按部就班的取票、安檢、候機等待登機,坐在座位上的宋清一直豎著耳朵留意著廣播,唯恐聽到他乘坐的班次會遇到能見度低延誤的消息。他提前跟周桐打聽過,今天集訓班裡有一個小測驗,測驗完就放學,比平時放學時間足足提前一兩個小時,就連自習也是自主選擇上或者不上,非常罕見的展示出機構對時間安排的合理且人性化。
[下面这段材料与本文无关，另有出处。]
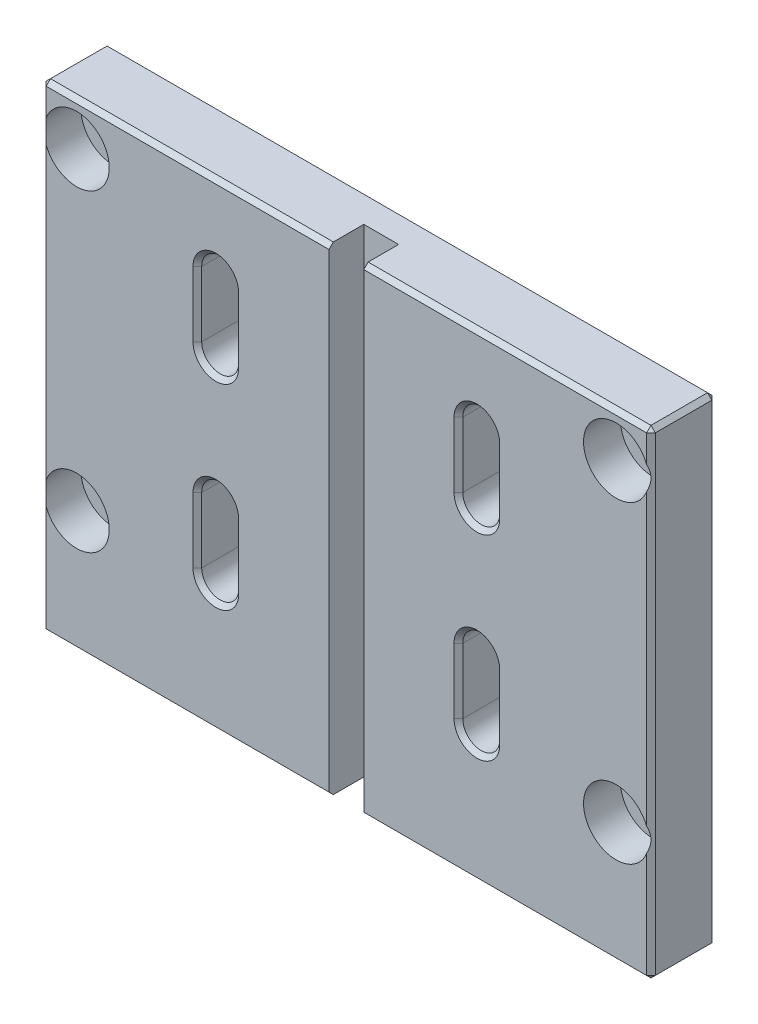
from build123d import *

# Parameters (mm, degrees)
SKETCH_1_W                   = 140
SKETCH_1_H                   = 110
EXTRUDE_1_DEPTH              = 7.5
CUT_EXTRUDE_1_DEPTH          = 91.277350426
CHAMFER_2_SIZE               = 1
SKETCH_5_W                   = 8
SKETCH_5_H                   = 16
CUT_EXTRUDE_2_DEPTH          = 131.599578866
HOLE_WIZARD_M5_1_D           = 4.2
HOLE_WIZARD_M5_2_D           = 4.2
HOLE_WIZARD_M5_2_DEPTH       = 12.4
HOLE_WIZARD_M5_2_CSINK_D     = 5.05
HOLE_WIZARD_M5_2_CSINK_ANGLE = 90
HOLE_WIZARD_M5_2_TIP         = 1.2618073
HOLE1_D                      = 9
HOLE1_CBORE_D                = 15
HOLE1_CBORE_DEPTH            = 8.5


with BuildPart() as part:
    # 草图1 → 凸台-拉伸1 (new, symmetric)
    with BuildSketch(Plane.XY):
        Rectangle(SKETCH_1_W, SKETCH_1_H)
    extrude(amount=EXTRUDE_1_DEPTH, both=True)

    # 草图4 → 切除-拉伸1 (cut, through all)
    with BuildSketch(Plane(origin=(0, 0, -7.5), x_dir=(-1, 0, 0), z_dir=(0, 0, -1))):
        with BuildLine():
            Line((-25.75, -10), (-25.75, -25))
            ThreePointArc((-25.75, -25), (-30, -29.25), (-34.25, -25))
            Line((-34.25, -25), (-34.25, -10))
            ThreePointArc((-34.25, -10), (-30, -5.75), (-25.75, -10))
        make_face()
        with BuildLine():
            Line((-25.75, 35), (-25.75, 20))
            ThreePointArc((-25.75, 20), (-30, 15.75), (-34.25, 20))
            Line((-34.25, 20), (-34.25, 35))
            ThreePointArc((-34.25, 35), (-30, 39.25), (-25.75, 35))
        make_face()
        with BuildLine():
            Line((25.75, 35), (25.75, 20))
            ThreePointArc((25.75, 20), (30, 15.75), (34.25, 20))
            Line((34.25, 20), (34.25, 35))
            ThreePointArc((34.25, 35), (30, 39.25), (25.75, 35))
        make_face()
        with BuildLine():
            Line((25.75, -10), (25.75, -25))
            ThreePointArc((25.75, -25), (30, -29.25), (34.25, -25))
            Line((34.25, -25), (34.25, -10))
            ThreePointArc((34.25, -10), (30, -5.75), (25.75, -10))
        make_face()
    extrude(amount=-CUT_EXTRUDE_1_DEPTH, mode=Mode.SUBTRACT)

    # 倒角2
    chamfer_2_edges = [part.edges().sort_by_distance(p)[0] for p in [
        (70, 0, 7.5),
        (0, 55, 7.5),
        (30, -5.75, 7.5),
        (25.75, -17.5, 7.5),
        (30, -29.25, 7.5),
        (34.25, -17.5, 7.5),
        (30, -5.75, -7.5),
        (34.25, -17.5, -7.5),
        (30, -29.25, -7.5),
        (25.75, -17.5, -7.5),
        (30, 39.25, 7.5),
        (25.75, 27.5, 7.5),
        (-70, 0, 7.5),
        (30, 15.75, 7.5),
        (34.25, 27.5, 7.5),
        (30, 39.25, -7.5),
        (34.25, 27.5, -7.5),
        (30, 15.75, -7.5),
        (25.75, 27.5, -7.5),
        (0, 55, -7.5),
        (-30, 39.25, 7.5),
        (-34.25, 27.5, 7.5),
        (-30, 15.75, 7.5),
        (-25.75, 27.5, 7.5),
        (-30, 39.25, -7.5),
        (-25.75, 27.5, -7.5),
        (-30, 15.75, -7.5),
        (-34.25, 27.5, -7.5),
        (70, 0, -7.5),
        (-30, -5.75, 7.5),
        (-34.25, -17.5, 7.5),
        (-30, -29.25, 7.5),
        (-25.75, -17.5, 7.5),
        (-30, -5.75, -7.5),
        (-25.75, -17.5, -7.5),
        (0, -55, -7.5),
        (-30, -29.25, -7.5),
        (-34.25, -17.5, -7.5),
        (-70, 0, -7.5),
        (0, -55, 7.5),
        (-70, 55, 0),
        (70, 55, 0),
        (70, -55, 0),
        (-70, -55, 0),
    ]]
    chamfer(chamfer_2_edges, length=CHAMFER_2_SIZE)

    # 草图5 → 切除-拉伸2 (cut, through all)
    with BuildSketch(Plane(origin=(0, 55, 0), x_dir=(1, 0, 0), z_dir=(0, 1, 0))):
        with Locations((0, -7.5)):
            Rectangle(SKETCH_5_W, SKETCH_5_H)
    extrude(amount=-CUT_EXTRUDE_2_DEPTH, mode=Mode.SUBTRACT)

    # M5 螺纹孔1 (through all)
    with Locations(Plane(origin=(0, 0, -7.5), x_dir=(-1, 0, 0), z_dir=(0, 0, -1))):
        with Locations((-62, 45), (-62, -27), (62, -27), (62, 45)):
            Hole(HOLE_WIZARD_M5_1_D / 2)

    # M5 螺纹孔2
    with Locations(Plane(origin=(0, -55, 0), x_dir=(-1, 0, 0), z_dir=(0, -1, 0))):
        with Locations((45, 0), (-45, 0)):
            CounterSinkHole(HOLE_WIZARD_M5_2_D / 2, HOLE_WIZARD_M5_2_CSINK_D / 2, depth=HOLE_WIZARD_M5_2_DEPTH, counter_sink_angle=HOLE_WIZARD_M5_2_CSINK_ANGLE)
            with Locations((0, 0, -(HOLE_WIZARD_M5_2_DEPTH + HOLE_WIZARD_M5_2_TIP / 2))):  # 118° drill point
                Cone(0, HOLE_WIZARD_M5_2_D / 2, HOLE_WIZARD_M5_2_TIP, mode=Mode.SUBTRACT)

    # Hole1 (through all)
    with Locations(Plane(origin=(49.130892878, -26.065000019, 7.5), x_dir=(1, 0, 0), z_dir=(0, 0, 1))):
        with Locations((12.869107122, -0.934999981), (12.869107122, 71.065000019), (-111.130892878, 71.065000019), (-111.130892878, -0.934999981)):
            CounterBoreHole(HOLE1_D / 2, HOLE1_CBORE_D / 2, HOLE1_CBORE_DEPTH)


solid = part.part

這也是為什麼宋清非要急惶惶的挑這一天去市,雖說他隻是想見周桐一麵,可在一起能多待一會兒是一會兒,多看哪怕幾分鐘都是好的。
周桐此刻已經坐在教室裡開始早讀了。她並不知道宋清計劃著今天來市看她,事實上,她這幾天急劇減少了和外界聯係的頻率,就連楊夏也抱怨兩個人就住隔壁,怎麼除了吃飯都幾乎見不到她的影子了。確實,周桐現在除了吃飯睡覺會待在酒店的房間裡,其餘時間要麼在機構的教室裡坐著聽老師講專業課,要麼去機構的自習室自覺上自習。
這股子認真勁兒周桐也不知道是從哪裡來的,可能氛圍的確很影響人,她自認已經算勤學刻苦的那部分人了,實際上比她更努力更勤學刻苦的人多的是。在這樣一個周圍的人都在拚命學習的環境裡,周桐偶爾的鬆懈就會立刻麵臨自己內心升起的譴責,逼得她不得不提起精神繼續學習。
到了現在,周桐才終於認識到了機構“集訓”的潛台詞,這個詞遠遠沒有“把同學們都集中起來一起學習”的表麵意思那麼簡單,它藏起來的恐怖程度,如今總算展現在周桐眼前。
“你悠著點,”楊夏這幾天都有空,去機構接周桐回酒店吃午飯的路上,仔細打量了周桐一番,擔憂的說道“不是說不給自己那麼大壓力麼,怎麼就幾天功夫搞成了現在這副模樣?”
“啊?”
周桐心裡琢磨著老師講的下午測驗時的注意點,沒細聽楊夏說的話,語氣帶了點無辜和疑惑,漂亮的眼睛討好的彎起來,示意楊夏再重複一遍剛才說的話。楊夏翻了個白眼,拿周桐沒有辦法,隻好無奈的又重複了一遍。
“我怎麼啦?”
周桐認真聽完楊夏的話,顯然更疑惑了,正好兩個人說話間到了酒店,她們沒急著坐電梯,心有靈犀的來到酒店的一麵大鏡子前,駐足片刻。鏡子裡的周桐明顯清瘦了一圈,杆兒似的四肢讓人不敢對她大動作,生怕力氣沒控製住把竹竿兒一樣的胳膊腿兒的給碰壞。